That's the same thing I'm saying, in subjective terms, while I'm looking for what objective differences account for that.  HOMM 3 feels slow because the troops scale up from 2 but the income doesn't, and because you need to build up more rather than leveraging AI weaknesses to beat them when you have far less real strength.*  There aren't as many small edges to be had in tactical maneuvering against the AI, the spread in power level of troops (both enemy AI and wild on the map) is less which makes playthroughs feel the same, and the factions are also much more level (they all have multiple good shooters and a big top-end unit).  All of that adds up to less of a skill differential in HOMM 3 than 2.
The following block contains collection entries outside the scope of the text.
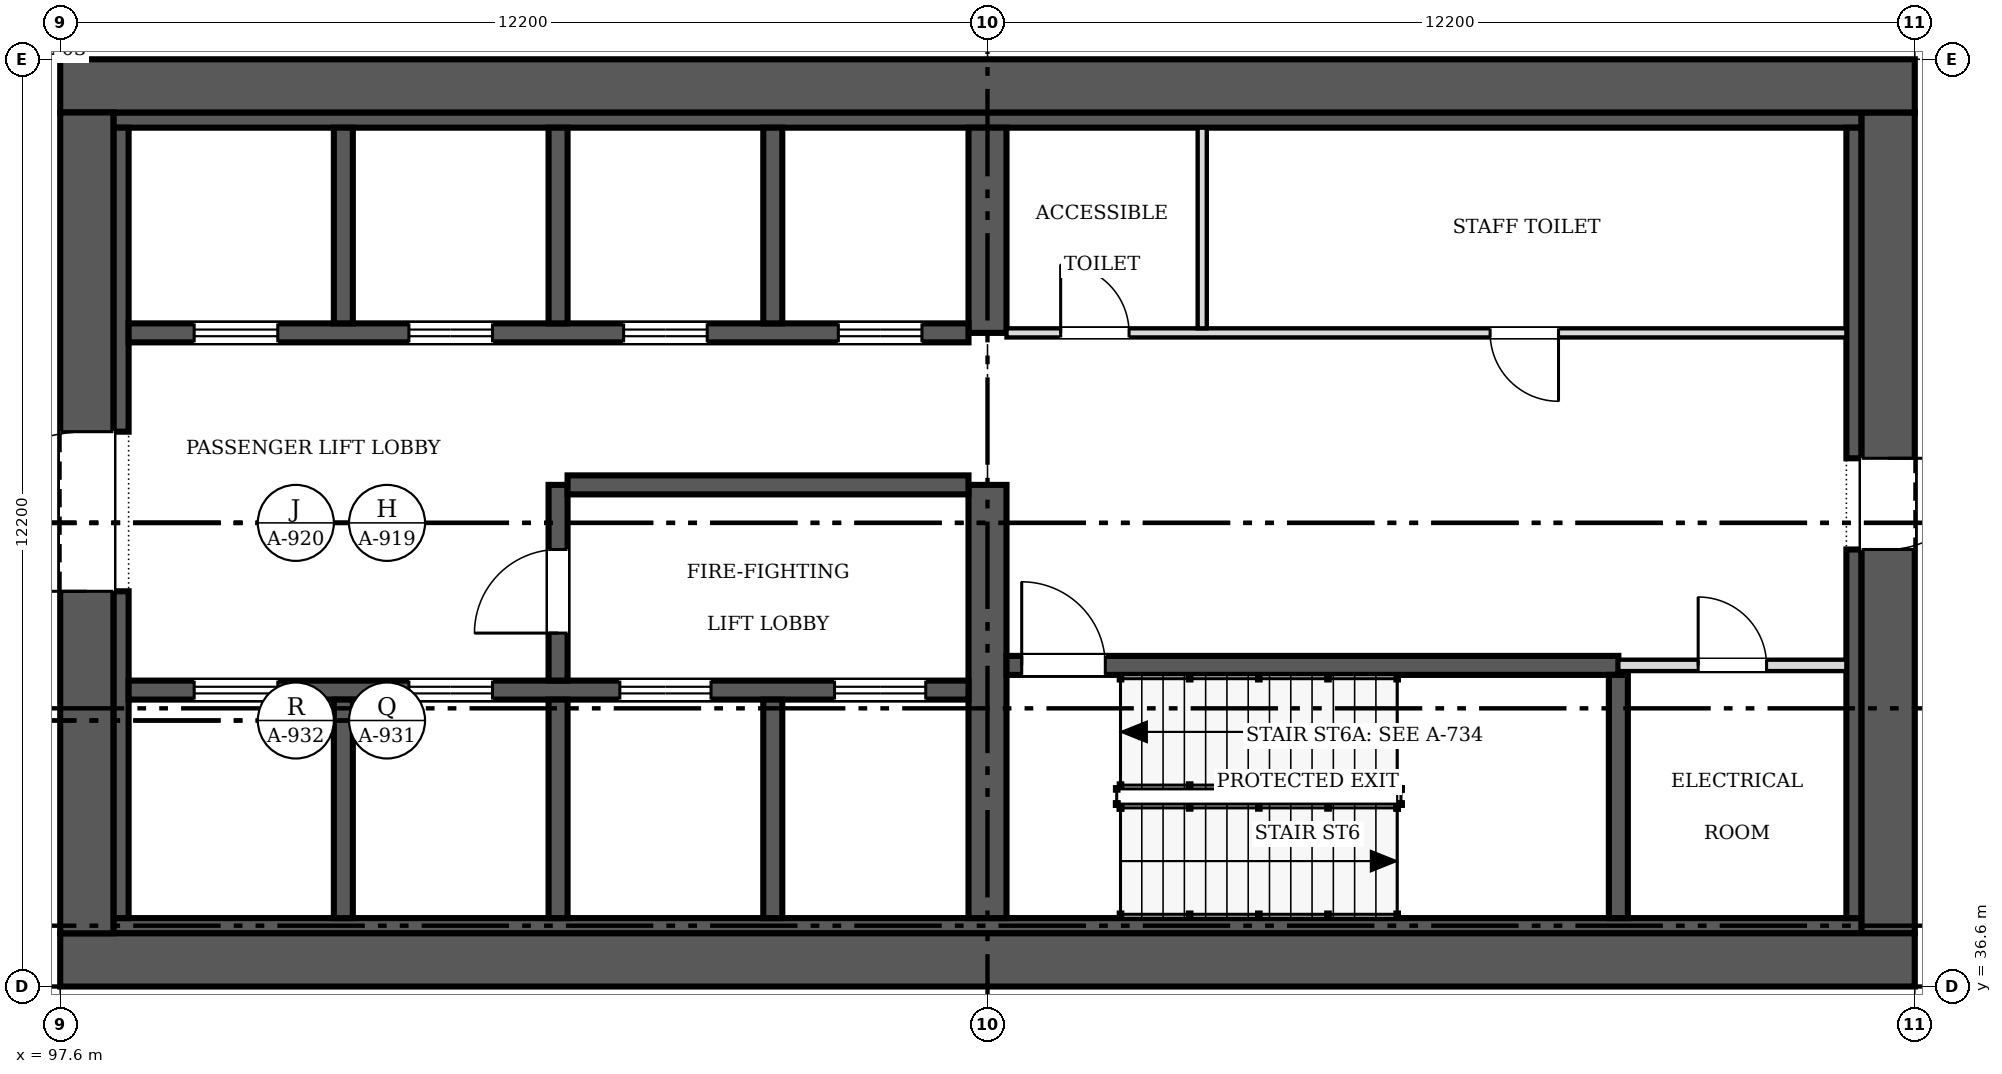
"""IFC4 building model, lengths in metres.
Left out: names, types, materials, properties, quantities, classifications, styles, units other than length and angle.
Written with IfcOpenShell. Run it as: python <this file> out.ifc"""

import sys

from ifc_helpers import new_model, si_unit, direction, frame, frame_2d, origin, place, context, subcontext, project, spatial, rectangle, extrude, source, transform, mapped, element, fill, save


model = new_model("IFC4")
c1 = context("Model", 3, precision=1e-05, world=origin(), true_north=direction((0.0, 1.0)))
c2 = subcontext(c1, "Body", "Model", "MODEL_VIEW")
j1 = project(units=[si_unit("LENGTHUNIT", "METRE"), si_unit("PLANEANGLEUNIT", "RADIAN")], contexts=[c1])
p1 = place(None, origin())
s1 = spatial("IfcSite", under=j1, at=p1, CompositionType="ELEMENT")
p2 = place(p1, origin())
s2 = spatial("IfcBuilding", under=s1, at=p2, CompositionType="ELEMENT")
p3 = place(p2, frame((0.0, 0.0, 7.2)))
s3 = spatial("IfcBuildingStorey", under=s2, at=p3, CompositionType="ELEMENT", Elevation=7.2)
p4 = place(p3, frame((122.0, 36.95, 0.0), z_axis=(0.0, 0.0, 1.0), x_axis=(-1.0, 0.0, 0.0)))
e1 = element("IfcWall", 1, at=p4, inside=s3, PredefinedType="SHEAR", context=c2, shape_type="SweptSolid", body=[
    extrude(rectangle(XDim=24.4, YDim=0.7, at=frame_2d((12.2, 0.0))), origin(), (0.0, 0.0, 1.0), 4.8),
])
p5 = place(p3, frame((97.95, 37.3, 0.0), z_axis=(0.0, 0.0, 1.0), x_axis=(0.0, 1.0, 0.0)))
e2 = element("IfcWall", 2, at=p5, inside=s3, PredefinedType="SHEAR", context=c2, shape_type="SweptSolid", body=[
    extrude(rectangle(XDim=10.8, YDim=0.7, at=frame_2d((5.4, 0.0))), origin(), (0.0, 0.0, 1.0), 4.8),
])
m1 = source(origin(), c2, "Body", "SweptSolid", [
    extrude(rectangle(XDim=2.1, YDim=2.4, at=frame_2d((1.05, 1.2))), frame((0.0, 0.36, 0.0), z_axis=(0.0, -1.0, 0.0), x_axis=(1.0, 0.0, 0.0)), (0.0, 0.0, 1.0), 0.72),
])
p6 = place(p5, frame((4.5, 0.0, 0.0)))
e3 = element("IfcOpeningElement", 3, at=p6, cuts=e2, PredefinedType="OPENING", context=c2, shape_type="MappedRepresentation", body=[
    mapped(m1, transform((0.0, 0.0, 0.0), scale=1.0)),
])
p7 = place(p3, frame((97.6, 48.45, 0.0), z_axis=(0.0, 0.0, 1.0), x_axis=(1.0, 0.0, 0.0)))
e4 = element("IfcWall", 4, at=p7, inside=s3, PredefinedType="SHEAR", context=c2, shape_type="SweptSolid", body=[
    extrude(rectangle(XDim=24.4, YDim=0.7, at=frame_2d((12.2, 0.0))), origin(), (0.0, 0.0, 1.0), 4.8),
])
p8 = place(p3, frame((121.65, 48.1, 0.0), z_axis=(0.0, 0.0, 1.0), x_axis=(0.0, -1.0, 0.0)))
e5 = element("IfcWall", 5, at=p8, inside=s3, PredefinedType="SHEAR", context=c2, shape_type="SweptSolid", body=[
    extrude(rectangle(XDim=10.8, YDim=0.7, at=frame_2d((5.4, 0.0))), origin(), (0.0, 0.0, 1.0), 4.8),
])
m2 = source(origin(), c2, "Body", "SweptSolid", [
    extrude(rectangle(XDim=1.2, YDim=2.1, at=frame_2d((0.6, 1.05))), frame((0.0, 0.36, 0.0), z_axis=(0.0, -1.0, 0.0), x_axis=(1.0, 0.0, 0.0)), (0.0, 0.0, 1.0), 0.72),
])
p9 = place(p8, frame((4.55, 0.0, 0.0)))
e6 = element("IfcOpeningElement", 6, at=p9, cuts=e5, PredefinedType="OPENING", context=c2, shape_type="MappedRepresentation", body=[
    mapped(m2, transform((0.0, 0.0, 0.0), scale=1.0)),
])
for number, where, z_axis, x_axis in (
    (7, (98.3, 37.4, 0.0), (0.0, 0.0, 1.0), (1.0, 0.0, 0.0)),
    (8, (98.3, 48.0, 0.0), (0.0, 0.0, 1.0), (1.0, 0.0, 0.0)),
):
    element("IfcWall", number, at=place(p3, frame(where, z_axis=z_axis, x_axis=x_axis)), inside=s3, PredefinedType="SOLIDWALL", context=c2, shape_type="SweptSolid", body=[
        extrude(rectangle(XDim=23.0, YDim=0.2, at=frame_2d((11.5, 0.0))), origin(), (0.0, 0.0, 1.0), 4.8),
    ])
p10 = place(p3, frame((98.4, 37.5, 0.0), z_axis=(0.0, 0.0, 1.0), x_axis=(0.0, 1.0, 0.0)))
e9 = element("IfcWall", 9, at=p10, inside=s3, PredefinedType="SOLIDWALL", context=c2, shape_type="SweptSolid", body=[
    extrude(rectangle(XDim=4.3, YDim=0.2, at=frame_2d((2.15, 0.0))), origin(), (0.0, 0.0, 1.0), 4.8),
])
p11 = place(p3, frame((98.4, 43.9, 0.0), z_axis=(0.0, 0.0, 1.0), x_axis=(0.0, 1.0, 0.0)))
e10 = element("IfcWall", 10, at=p11, inside=s3, PredefinedType="SOLIDWALL", context=c2, shape_type="SweptSolid", body=[
    extrude(rectangle(XDim=4.0, YDim=0.2, at=frame_2d((2.0, 0.0))), origin(), (0.0, 0.0, 1.0), 4.8),
])
p12 = place(p3, frame((121.2, 37.5, 0.0), z_axis=(0.0, 0.0, 1.0), x_axis=(0.0, 1.0, 0.0)))
e11 = element("IfcWall", 11, at=p12, inside=s3, PredefinedType="SOLIDWALL", context=c2, shape_type="SweptSolid", body=[
    extrude(rectangle(XDim=4.85, YDim=0.2, at=frame_2d((2.425, 0.0))), origin(), (0.0, 0.0, 1.0), 4.8),
])
p13 = place(p3, frame((121.2, 43.55, 0.0), z_axis=(0.0, 0.0, 1.0), x_axis=(0.0, 1.0, 0.0)))
e12 = element("IfcWall", 12, at=p13, inside=s3, PredefinedType="SOLIDWALL", context=c2, shape_type="SweptSolid", body=[
    extrude(rectangle(XDim=4.35, YDim=0.2, at=frame_2d((2.175, 0.0))), origin(), (0.0, 0.0, 1.0), 4.8),
])
p14 = place(p3, frame((109.8, 37.5, 0.0), z_axis=(0.0, 0.0, 1.0), x_axis=(0.0, 1.0, 0.0)))
e13 = element("IfcWall", 13, at=p14, inside=s3, PredefinedType="SHEAR", context=c2, shape_type="SweptSolid", body=[
    extrude(rectangle(XDim=5.7, YDim=0.5, at=frame_2d((2.85, 0.0))), origin(), (0.0, 0.0, 1.0), 4.8),
])
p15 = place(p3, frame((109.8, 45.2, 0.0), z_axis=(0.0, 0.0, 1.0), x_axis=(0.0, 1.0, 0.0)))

*Colonel Santiago should have found her home in HOMM, not SMAC. lol That's where she'd be right about quality troops beating many more lesser ones.

Heck, Miriam too, the angels of HOMM 3 are where she'd find her divine support that never shows up in SMAC.   jive


(June 26th, 2018, 03:17)Modo Wrote: "Pasargadae starts building an obelisk... then five turns later its borders automatically expand thanks to the Creative civ trait. Riiight."

T-Hawk, Civ4 Adventure 6 (first Civ4 game of yours I think....outside the beta testing stuff)

Man, how much have you been stalking around my site.  smile  For the record, I was invited to Civ 4 playtesting but I didn't participate, both because my PC at the time wasn't good enough for it and because I was playing something else instead (man I've been meaning to go back and clean out and sell out that Magic the Gathering Online account forever.)

But yeah, I was a newbie once too.  Reminds me of another HOMM story.  I didn't know how to split a stack of troops (very useful in HOMM 2 to split off one shooter unit as bait that the AI would attack first.)  There was this code of silence online (on Usenet, this was before web forums) that nobody would say how to do it.  At most, someone would say to read the manual.  Of course, we were all playing pirated copies (this was long before Steam) and didn't have that manual, which is exactly what the non-answerers knew.  The day I finally found out how to split stacks (shift-click on an empty slot) was the most amazing of my then-short life.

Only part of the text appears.